Motosikletli adamın dili dolandı.Konuşmayı beceremedi.Yamaçlardan inen bir keçi sürüsü, çan sesleriyle yanıbaşlarından motosiklete sürtünerek ilerliyordu.Yağmur sürekli yağmaktaydı.Adam bir kabusun içine düştüğünü anladı.

“ Galiba durumu kötü.” dedi hırıltılı bir sesle.

“ Biliyorum “ diye cevap verdi kadın. “ Ama hastahaneye götürsek doktorlar bir çaresini bulur değil mi “

Adam ilk defa kafasını kaldırıp kadına baktı…Ta beline kadar inen uzun siyah saçları, kusursuz bir düzgünlükte pembe bir teni vardı.İplikleri yer yer sökülmüş eski giysisinden, belli belirsiz bir buğu tabakası yükseliyordu.

Ona öldü diyemedi. Çığlıklar duymak , yorgun ve yıpranmış ruhuna yeni bir acı yüklemek istemedi…Dünyanın bu en zor işini yani bir anneye çocuğunun öldüğü haberini vermeyi doktorlara bıraktı.Hala bir araba geçmemişti.Kadını arkasına oturtabileceğini , zaten ölmüş bebeği benzin deposunun üzerine yatırıp kollarının arasına alabileceğini düşündü,..hastanede onu bırakır yoluna devam ederdi.

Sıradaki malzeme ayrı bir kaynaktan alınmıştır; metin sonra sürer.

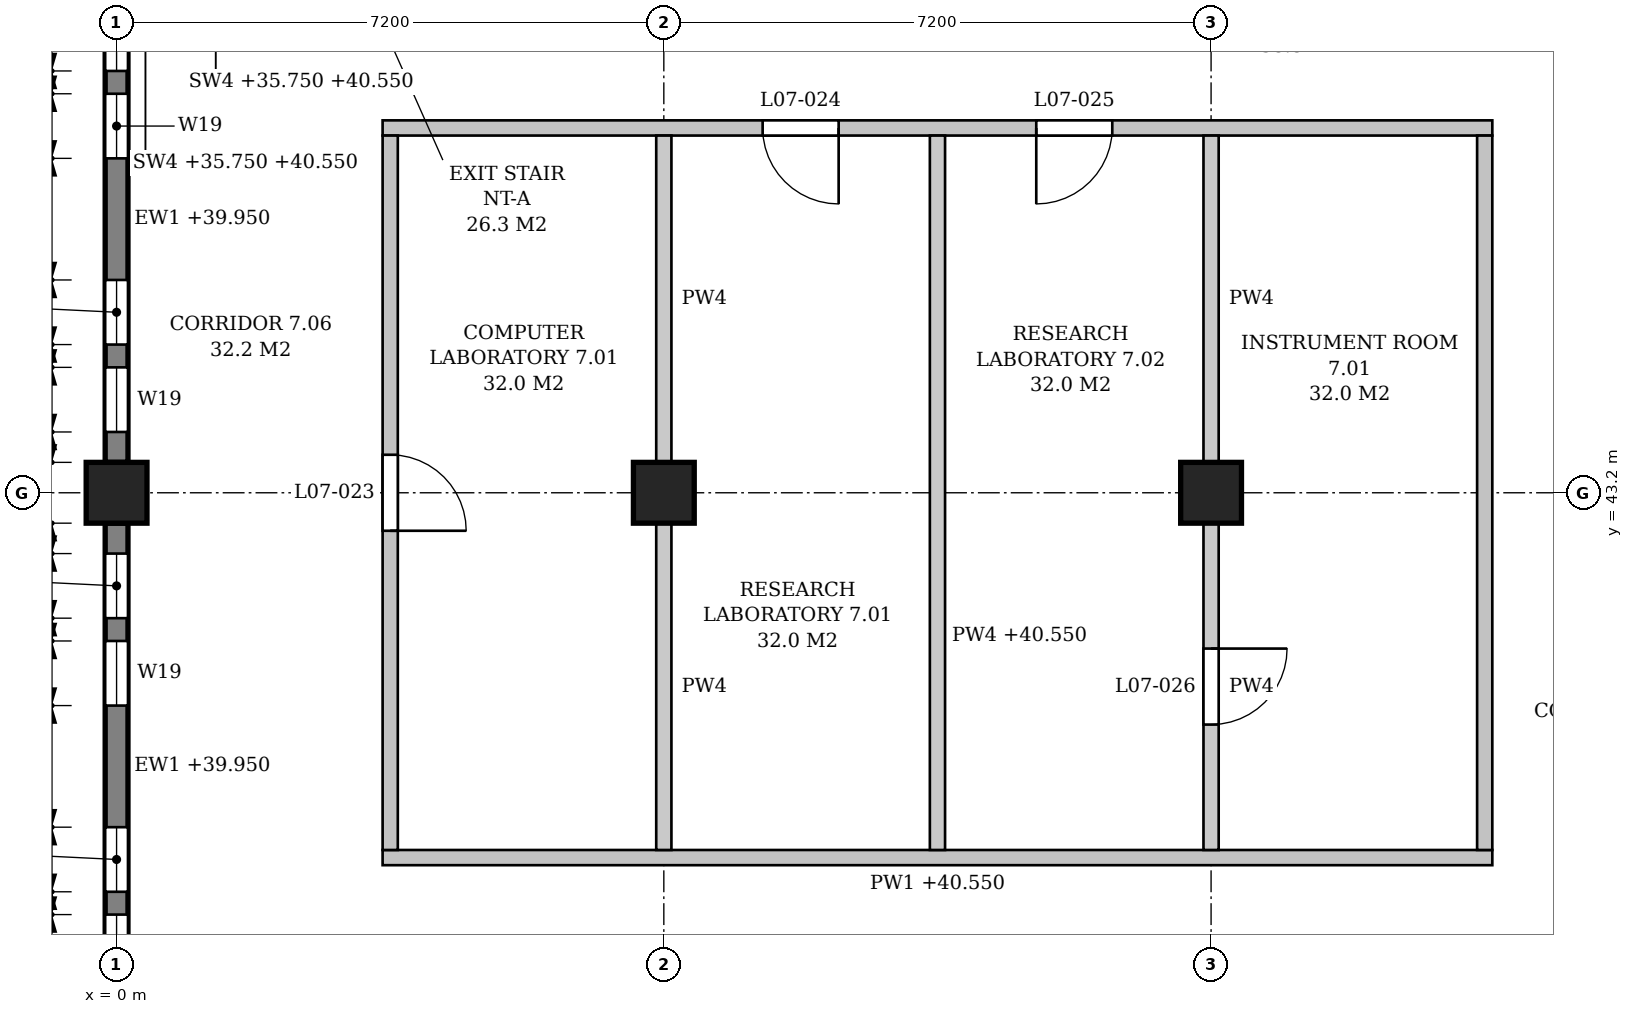
"""IFC4 building model, lengths in metres.
Left out: names, types, materials, properties, quantities, classifications, styles, units other than length and angle.
Written with IfcOpenShell. Run it as: python <this file> out.ifc"""

import sys

from ifc_helpers import new_model, si_unit, direction, frame, frame_2d, origin, origin_2d, place, context, subcontext, project, spatial, polyline, rectangle, outline, extrude, element, fill, save


model = new_model("IFC4")
c1 = context("Model", 3, precision=1e-05, world=origin(), true_north=direction((0.0, 1.0)))
c2 = subcontext(c1, "Body", "Model", "MODEL_VIEW")
j1 = project(units=[si_unit("LENGTHUNIT", "METRE"), si_unit("PLANEANGLEUNIT", "RADIAN")], contexts=[c1])
p1 = place(None, origin())
s1 = spatial("IfcSite", under=j1, at=p1, CompositionType="ELEMENT")
p2 = place(p1, origin())
s2 = spatial("IfcBuilding", under=s1, at=p2, CompositionType="ELEMENT")
p3 = place(p2, frame((0.0, 0.0, 36.0)))
s3 = spatial("IfcBuildingStorey", under=s2, at=p3, CompositionType="ELEMENT", Elevation=36.0)
for number, where, z_axis, x_axis in (
    (1, (0.0, 43.2, 0.0), (0.0, 0.0, 1.0), (1.0, 0.0, 0.0)),
    (2, (7.2, 43.2, 0.0), (0.0, 0.0, 1.0), (1.0, 0.0, 0.0)),
    (3, (14.4, 43.2, 0.0), (0.0, 0.0, 1.0), (1.0, 0.0, 0.0)),
):
    element("IfcColumn", number, at=place(p3, frame(where, z_axis=z_axis, x_axis=x_axis)), inside=s3, PredefinedType="COLUMN", context=c2, shape_type="SweptSolid", body=[
        extrude(rectangle(XDim=0.8, YDim=0.8, at=origin_2d()), origin(), (0.0, 0.0, 1.0), 4.8),
    ])
p4 = place(p3, frame((0.0, 36.4, 0.0), z_axis=(0.0, 0.0, 1.0), x_axis=(0.0, 1.0, 0.0)))
e4 = element("IfcWall", 4, at=p4, inside=s3, PredefinedType="STANDARD", context=c2, shape_type="SweptSolid", body=[
    extrude(rectangle(XDim=6.4, YDim=0.3, at=frame_2d((3.2, 0.0))), origin(), (0.0, 0.0, 1.0), 3.95),
])
p5 = place(p4, frame((0.4, 0.0, 0.9)))
e5 = element("IfcOpeningElement", 5, at=p5, cuts=e4, PredefinedType="OPENING", context=c2, shape_type="SweptSolid", body=[
    extrude(outline(polyline([(0.0, 0.0), (0.85, 0.0), (0.85, 2.55), (0.425, 3.0), (0.0, 2.55), (0.0, 0.0)])), frame((0.0, 0.16, 0.0), z_axis=(0.0, -1.0, 0.0), x_axis=(1.0, 0.0, 0.0)), (0.0, 0.0, 1.0), 0.32),
])
p6 = place(p4, frame((1.55, 0.0, 0.9)))
e6 = element("IfcOpeningElement", 6, at=p6, cuts=e4, PredefinedType="OPENING", context=c2, shape_type="SweptSolid", body=[
    extrude(outline(polyline([(0.0, 0.0), (0.85, 0.0), (0.85, 2.55), (0.425, 3.0), (0.0, 2.55), (0.0, 0.0)])), frame((0.0, 0.16, 0.0), z_axis=(0.0, -1.0, 0.0), x_axis=(1.0, 0.0, 0.0)), (0.0, 0.0, 1.0), 0.32),
])
p7 = place(p4, frame((4.0, 0.0, 0.9)))
e7 = element("IfcOpeningElement", 7, at=p7, cuts=e4, PredefinedType="OPENING", context=c2, shape_type="SweptSolid", body=[
    extrude(outline(polyline([(0.0, 0.0), (0.85, 0.0), (0.85, 2.55), (0.425, 3.0), (0.0, 2.55), (0.0, 0.0)])), frame((0.0, 0.16, 0.0), z_axis=(0.0, -1.0, 0.0), x_axis=(1.0, 0.0, 0.0)), (0.0, 0.0, 1.0), 0.32),
])
p8 = place(p4, frame((5.15, 0.0, 0.9)))
e8 = element("IfcOpeningElement", 8, at=p8, cuts=e4, PredefinedType="OPENING", context=c2, shape_type="SweptSolid", body=[
    extrude(outline(polyline([(0.0, 0.0), (0.85, 0.0), (0.85, 2.55), (0.425, 3.0), (0.0, 2.55), (0.0, 0.0)])), frame((0.0, 0.16, 0.0), z_axis=(0.0, -1.0, 0.0), x_axis=(1.0, 0.0, 0.0)), (0.0, 0.0, 1.0), 0.32),
])
p9 = place(p3, frame((0.0, 43.6, 0.0), z_axis=(0.0, 0.0, 1.0), x_axis=(0.0, 1.0, 0.0)))
e9 = element("IfcWall", 9, at=p9, inside=s3, PredefinedType="STANDARD", context=c2, shape_type="SweptSolid", body=[
    extrude(rectangle(XDim=6.4, YDim=0.3, at=frame_2d((3.2, 0.0))), origin(), (0.0, 0.0, 1.0), 3.95),
])
p10 = place(p9, frame((0.4, 0.0, 0.9)))
e10 = element("IfcOpeningElement", 10, at=p10, cuts=e9, PredefinedType="OPENING", context=c2, shape_type="SweptSolid", body=[
    extrude(outline(polyline([(0.0, 0.0), (0.85, 0.0), (0.85, 2.55), (0.425, 3.0), (0.0, 2.55), (0.0, 0.0)])), frame((0.0, 0.16, 0.0), z_axis=(0.0, -1.0, 0.0), x_axis=(1.0, 0.0, 0.0)), (0.0, 0.0, 1.0), 0.32),
])
p11 = place(p9, frame((1.55, 0.0, 0.9)))
e11 = element("IfcOpeningElement", 11, at=p11, cuts=e9, PredefinedType="OPENING", context=c2, shape_type="SweptSolid", body=[
    extrude(outline(polyline([(0.0, 0.0), (0.85, 0.0), (0.85, 2.55), (0.425, 3.0), (0.0, 2.55), (0.0, 0.0)])), frame((0.0, 0.16, 0.0), z_axis=(0.0, -1.0, 0.0), x_axis=(1.0, 0.0, 0.0)), (0.0, 0.0, 1.0), 0.32),
])
p12 = place(p9, frame((4.0, 0.0, 0.9)))
e12 = element("IfcOpeningElement", 12, at=p12, cuts=e9, PredefinedType="OPENING", context=c2, shape_type="SweptSolid", body=[
    extrude(outline(polyline([(0.0, 0.0), (0.85, 0.0), (0.85, 2.55), (0.425, 3.0), (0.0, 2.55), (0.0, 0.0)])), frame((0.0, 0.16, 0.0), z_axis=(0.0, -1.0, 0.0), x_axis=(1.0, 0.0, 0.0)), (0.0, 0.0, 1.0), 0.32),
])
p13 = place(p9, frame((5.15, 0.0, 0.9)))
e13 = element("IfcOpeningElement", 13, at=p13, cuts=e9, PredefinedType="OPENING", context=c2, shape_type="SweptSolid", body=[
    extrude(outline(polyline([(0.0, 0.0), (0.85, 0.0), (0.85, 2.55), (0.425, 3.0), (0.0, 2.55), (0.0, 0.0)])), frame((0.0, 0.16, 0.0), z_axis=(0.0, -1.0, 0.0), x_axis=(1.0, 0.0, 0.0)), (0.0, 0.0, 1.0), 0.32),
])
p14 = place(p3, frame((3.5, 38.4, 0.0), z_axis=(0.0, 0.0, 1.0), x_axis=(1.0, 0.0, 0.0)))
e14 = element("IfcWall", 14, at=p14, inside=s3, PredefinedType="PARTITIONING", context=c2, shape_type="SweptSolid", body=[
    extrude(outline(polyline([(0.0, 0.0), (14.6, 0.0), (14.6, 4.55), (11.125, 4.55), (11.125, 3.85), (10.675, 3.85), (10.675, 4.55), (3.925, 4.55), (3.925, 3.85), (3.475, 3.85), (3.475, 4.55), (0.0, 4.55), (0.0, 0.0)])), frame((0.0, 0.1, 0.0), z_axis=(0.0, -1.0, 0.0), x_axis=(1.0, 0.0, 0.0)), (0.0, 0.0, 1.0), 0.2),
])
p15 = place(p3, frame((3.5, 48.0, 0.0), z_axis=(0.0, 0.0, 1.0), x_axis=(1.0, 0.0, 0.0)))
e15 = element("IfcWall", 15, at=p15, inside=s3, PredefinedType="PARTITIONING", context=c2, shape_type="SweptSolid", body=[
    extrude(outline(polyline([(0.0, 0.0), (14.6, 0.0), (14.6, 4.55), (11.125, 4.55), (11.125, 3.85), (10.675, 3.85), (10.675, 4.55), (3.925, 4.55), (3.925, 3.85), (3.475, 3.85), (3.475, 4.55), (0.0, 4.55), (0.0, 0.0)])), frame((0.0, 0.1, 0.0), z_axis=(0.0, -1.0, 0.0), x_axis=(1.0, 0.0, 0.0)), (0.0, 0.0, 1.0), 0.2),
])
p16 = place(p15, frame((5.0, 0.0, 0.0)))
e16 = element("IfcOpeningElement", 16, at=p16, cuts=e15, PredefinedType="OPENING", context=c2, shape_type="SweptSolid", body=[
    extrude(rectangle(XDim=1.0, YDim=2.1, at=frame_2d((0.5, 1.05))), frame((0.0, 0.11, 0.0), z_axis=(0.0, -1.0, 0.0), x_axis=(1.0, 0.0, 0.0)), (0.0, 0.0, 1.0), 0.22),
])
p17 = place(p15, frame((8.6, 0.0, 0.0)))
e17 = element("IfcOpeningElement", 17, at=p17, cuts=e15, PredefinedType="OPENING", context=c2, shape_type="SweptSolid", body=[
    extrude(rectangle(XDim=1.0, YDim=2.1, at=frame_2d((0.5, 1.05))), frame((0.0, 0.11, 0.0), z_axis=(0.0, -1.0, 0.0), x_axis=(1.0, 0.0, 0.0)), (0.0, 0.0, 1.0), 0.22),
])
p18 = place(p3, frame((3.6, 38.5, 0.0), z_axis=(0.0, 0.0, 1.0), x_axis=(0.0, 1.0, 0.0)))
e18 = element("IfcWall", 18, at=p18, inside=s3, PredefinedType="PARTITIONING", context=c2, shape_type="SweptSolid", body=[
    extrude(outline(polyline([(0.0, 0.0), (9.4, 0.0), (9.4, 4.55), (4.925, 4.55), (4.925, 3.85), (4.475, 3.85), (4.475, 4.55), (0.0, 4.55), (0.0, 0.0)])), frame((0.0, 0.1, 0.0), z_axis=(0.0, -1.0, 0.0), x_axis=(1.0, 0.0, 0.0)), (0.0, 0.0, 1.0), 0.2),
])
p19 = place(p18, frame((4.2, 0.0, 0.0)))
e19 = element("IfcOpeningElement", 19, at=p19, cuts=e18, PredefinedType="OPENING", context=c2, shape_type="SweptSolid", body=[
    extrude(rectangle(XDim=1.0, YDim=2.1, at=frame_2d((0.5, 1.05))), frame((0.0, 0.11, 0.0), z_axis=(0.0, -1.0, 0.0), x_axis=(1.0, 0.0, 0.0)), (0.0, 0.0, 1.0), 0.22),
])
p20 = place(p3, frame((7.2, 38.5, 0.0), z_axis=(0.0, 0.0, 1.0), x_axis=(0.0, 1.0, 0.0)))
e20 = element("IfcWall", 20, at=p20, inside=s3, PredefinedType="PARTITIONING", context=c2, shape_type="SweptSolid", body=[
    extrude(rectangle(XDim=4.3, YDim=0.2, at=frame_2d((2.15, 0.0))), origin(), (0.0, 0.0, 1.0), 3.85),
])
p21 = place(p3, frame((7.2, 43.6, 0.0), z_axis=(0.0, 0.0, 1.0), x_axis=(0.0, 1.0, 0.0)))
e21 = element("IfcWall", 21, at=p21, inside=s3, PredefinedType="PARTITIONING", context=c2, shape_type="SweptSolid", body=[
    extrude(rectangle(XDim=4.3, YDim=0.2, at=frame_2d((2.15, 0.0))), origin(), (0.0, 0.0, 1.0), 3.85),
])
p22 = place(p3, frame((10.8, 38.5, 0.0), z_axis=(0.0, 0.0, 1.0), x_axis=(0.0, 1.0, 0.0)))
e22 = element("IfcWall", 22, at=p22, inside=s3, PredefinedType="PARTITIONING", context=c2, shape_type="SweptSolid", body=[
    extrude(outline(polyline([(0.0, 0.0), (9.4, 0.0), (9.4, 4.55), (4.925, 4.55), (4.925, 3.85), (4.475, 3.85), (4.475, 4.55), (0.0, 4.55), (0.0, 0.0)])), frame((0.0, 0.1, 0.0), z_axis=(0.0, -1.0, 0.0), x_axis=(1.0, 0.0, 0.0)), (0.0, 0.0, 1.0), 0.2),
])
p23 = place(p3, frame((14.4, 38.5, 0.0), z_axis=(0.0, 0.0, 1.0), x_axis=(0.0, 1.0, 0.0)))
e23 = element("IfcWall", 23, at=p23, inside=s3, PredefinedType="PARTITIONING", context=c2, shape_type="SweptSolid", body=[
    extrude(rectangle(XDim=4.3, YDim=0.2, at=frame_2d((2.15, 0.0))), origin(), (0.0, 0.0, 1.0), 3.85),
])
p24 = place(p23, frame((1.65, 0.0, 0.0)))
e24 = element("IfcOpeningElement", 24, at=p24, cuts=e23, PredefinedType="OPENING", context=c2, shape_type="SweptSolid", body=[
    extrude(rectangle(XDim=1.0, YDim=2.1, at=frame_2d((0.5, 1.05))), frame((0.0, 0.11, 0.0), z_axis=(0.0, -1.0, 0.0), x_axis=(1.0, 0.0, 0.0)), (0.0, 0.0, 1.0), 0.22),
])
p25 = place(p3, frame((14.4, 43.6, 0.0), z_axis=(0.0, 0.0, 1.0), x_axis=(0.0, 1.0, 0.0)))
e25 = element("IfcWall", 25, at=p25, inside=s3, PredefinedType="PARTITIONING", context=c2, shape_type="SweptSolid", body=[
    extrude(rectangle(XDim=4.3, YDim=0.2, at=frame_2d((2.15, 0.0))), origin(), (0.0, 0.0, 1.0), 3.85),
])
p26 = place(p3, frame((18.0, 38.5, 0.0), z_axis=(0.0, 0.0, 1.0), x_axis=(0.0, 1.0, 0.0)))
e26 = element("IfcWall", 26, at=p26, inside=s3, PredefinedType="PARTITIONING", context=c2, shape_type="SweptSolid", body=[
    extrude(outline(polyline([(0.0, 0.0), (9.4, 0.0), (9.4, 4.55), (4.925, 4.55), (4.925, 3.85), (4.475, 3.85), (4.475, 4.55), (0.0, 4.55), (0.0, 0.0)])), frame((0.0, 0.1, 0.0), z_axis=(0.0, -1.0, 0.0), x_axis=(1.0, 0.0, 0.0)), (0.0, 0.0, 1.0), 0.2),
])
p27 = place(p5, origin())
e27 = element("IfcWindow", 27, at=p27, inside=s3, PartitioningType="SINGLE_PANEL", PredefinedType="WINDOW", context=c2, shape_type="SweptSolid", body=[
    extrude(outline(polyline([(0.0, 0.0), (0.85, 0.0), (0.85, 2.55), (0.425, 3.0), (0.0, 2.55), (0.0, 0.0)])), frame((0.0, 0.03, 0.0), z_axis=(0.0, -1.0, 0.0), x_axis=(1.0, 0.0, 0.0)), (0.0, 0.0, 1.0), 0.06),
])
fill(e5, e27)
p28 = place(p6, origin())
e28 = element("IfcWindow", 28, at=p28, inside=s3, PartitioningType="SINGLE_PANEL", PredefinedType="WINDOW", context=c2, shape_type="SweptSolid", body=[
    extrude(outline(polyline([(0.0, 0.0), (0.85, 0.0), (0.85, 2.55), (0.425, 3.0), (0.0, 2.55), (0.0, 0.0)])), frame((0.0, 0.03, 0.0), z_axis=(0.0, -1.0, 0.0), x_axis=(1.0, 0.0, 0.0)), (0.0, 0.0, 1.0), 0.06),
])
fill(e6, e28)
p29 = place(p7, origin())
e29 = element("IfcWindow", 29, at=p29, inside=s3, PartitioningType="SINGLE_PANEL", PredefinedType="WINDOW", context=c2, shape_type="SweptSolid", body=[
    extrude(outline(polyline([(0.0, 0.0), (0.85, 0.0), (0.85, 2.55), (0.425, 3.0), (0.0, 2.55), (0.0, 0.0)])), frame((0.0, 0.03, 0.0), z_axis=(0.0, -1.0, 0.0), x_axis=(1.0, 0.0, 0.0)), (0.0, 0.0, 1.0), 0.06),
])
fill(e7, e29)
p30 = place(p8, origin())
e30 = element("IfcWindow", 30, at=p30, inside=s3, PartitioningType="SINGLE_PANEL", PredefinedType="WINDOW", context=c2, shape_type="SweptSolid", body=[
    extrude(outline(polyline([(0.0, 0.0), (0.85, 0.0), (0.85, 2.55), (0.425, 3.0), (0.0, 2.55), (0.0, 0.0)])), frame((0.0, 0.03, 0.0), z_axis=(0.0, -1.0, 0.0), x_axis=(1.0, 0.0, 0.0)), (0.0, 0.0, 1.0), 0.06),
])
fill(e8, e30)
p31 = place(p10, origin())
e31 = element("IfcWindow", 31, at=p31, inside=s3, PartitioningType="SINGLE_PANEL", PredefinedType="WINDOW", context=c2, shape_type="SweptSolid", body=[
    extrude(outline(polyline([(0.0, 0.0), (0.85, 0.0), (0.85, 2.55), (0.425, 3.0), (0.0, 2.55), (0.0, 0.0)])), frame((0.0, 0.03, 0.0), z_axis=(0.0, -1.0, 0.0), x_axis=(1.0, 0.0, 0.0)), (0.0, 0.0, 1.0), 0.06),
])
fill(e10, e31)
p32 = place(p11, origin())
e32 = element("IfcWindow", 32, at=p32, inside=s3, PartitioningType="SINGLE_PANEL", PredefinedType="WINDOW", context=c2, shape_type="SweptSolid", body=[
    extrude(outline(polyline([(0.0, 0.0), (0.85, 0.0), (0.85, 2.55), (0.425, 3.0), (0.0, 2.55), (0.0, 0.0)])), frame((0.0, 0.03, 0.0), z_axis=(0.0, -1.0, 0.0), x_axis=(1.0, 0.0, 0.0)), (0.0, 0.0, 1.0), 0.06),
])
fill(e11, e32)
p33 = place(p12, origin())
e33 = element("IfcWindow", 33, at=p33, inside=s3, PartitioningType="SINGLE_PANEL", PredefinedType="WINDOW", context=c2, shape_type="SweptSolid", body=[
    extrude(outline(polyline([(0.0, 0.0), (0.85, 0.0), (0.85, 2.55), (0.425, 3.0), (0.0, 2.55), (0.0, 0.0)])), frame((0.0, 0.03, 0.0), z_axis=(0.0, -1.0, 0.0), x_axis=(1.0, 0.0, 0.0)), (0.0, 0.0, 1.0), 0.06),
])
fill(e12, e33)
p34 = place(p13, origin())
e34 = element("IfcWindow", 34, at=p34, inside=s3, PartitioningType="SINGLE_PANEL", PredefinedType="WINDOW", context=c2, shape_type="SweptSolid", body=[
    extrude(outline(polyline([(0.0, 0.0), (0.85, 0.0), (0.85, 2.55), (0.425, 3.0), (0.0, 2.55), (0.0, 0.0)])), frame((0.0, 0.03, 0.0), z_axis=(0.0, -1.0, 0.0), x_axis=(1.0, 0.0, 0.0)), (0.0, 0.0, 1.0), 0.06),
])
fill(e13, e34)
p35 = place(p19, frame((1.0, 0.0, 0.0), z_axis=(0.0, 0.0, 1.0), x_axis=(-1.0, 0.0, 0.0)))
e35 = element("IfcDoor", 35, at=p35, inside=s3, OperationType="SINGLE_SWING_RIGHT", PredefinedType="DOOR", context=c2, shape_type="SweptSolid", body=[
    extrude(rectangle(XDim=1.0, YDim=2.1, at=frame_2d((0.5, 1.05))), frame((0.0, 0.025, 0.0), z_axis=(0.0, -1.0, 0.0), x_axis=(1.0, 0.0, 0.0)), (0.0, 0.0, 1.0), 0.05),
])
fill(e19, e35)
p36 = place(p16, frame((1.0, 0.0, 0.0), z_axis=(0.0, 0.0, 1.0), x_axis=(-1.0, 0.0, 0.0)))
e36 = element("IfcDoor", 36, at=p36, inside=s3, OperationType="SINGLE_SWING_LEFT", PredefinedType="DOOR", context=c2, shape_type="SweptSolid", body=[
    extrude(rectangle(XDim=1.0, YDim=2.1, at=frame_2d((0.5, 1.05))), frame((0.0, 0.025, 0.0), z_axis=(0.0, -1.0, 0.0), x_axis=(1.0, 0.0, 0.0)), (0.0, 0.0, 1.0), 0.05),
])
fill(e16, e36)
p37 = place(p17, frame((1.0, 0.0, 0.0), z_axis=(0.0, 0.0, 1.0), x_axis=(-1.0, 0.0, 0.0)))
e37 = element("IfcDoor", 37, at=p37, inside=s3, OperationType="SINGLE_SWING_RIGHT", PredefinedType="DOOR", context=c2, shape_type="SweptSolid", body=[
    extrude(rectangle(XDim=1.0, YDim=2.1, at=frame_2d((0.5, 1.05))), frame((0.0, 0.025, 0.0), z_axis=(0.0, -1.0, 0.0), x_axis=(1.0, 0.0, 0.0)), (0.0, 0.0, 1.0), 0.05),
])
fill(e17, e37)
p38 = place(p24, frame((1.0, 0.0, 0.0), z_axis=(0.0, 0.0, 1.0), x_axis=(-1.0, 0.0, 0.0)))
e38 = element("IfcDoor", 38, at=p38, inside=s3, OperationType="SINGLE_SWING_LEFT", PredefinedType="DOOR", context=c2, shape_type="SweptSolid", body=[
    extrude(rectangle(XDim=1.0, YDim=2.1, at=frame_2d((0.5, 1.05))), frame((0.0, 0.025, 0.0), z_axis=(0.0, -1.0, 0.0), x_axis=(1.0, 0.0, 0.0)), (0.0, 0.0, 1.0), 0.05),
])
fill(e24, e38)
save(model, sys.argv[1])

Ansızın bulutlardan çıkıverdiler.Yokuş aşağı, ağır ağır iniyorlardı. Kadın motosiklete ilk kez binmenin korkusuyla adamın beline sımsıkı sarılmıştı.Gökyüzü şasılacak derecede maviydi.Güneş ta uzaklardaki o mavinin en koyusu karadenizin üzerinde, giderek kızaran rengiyle ağır ağır alçalıyordu.

Hastahane kasabanın tam girişindeydi. Önünde çiçeğe durmuş, 3-4 erik ağacı bulunan tek katlı basit bir yapıydı.Bahçesinde koyunlar otluyordu. Kadın kucağındaki çocukla, telaşla kapıya koştu.Vedalaşmaya bile vakitleri olmamıştı…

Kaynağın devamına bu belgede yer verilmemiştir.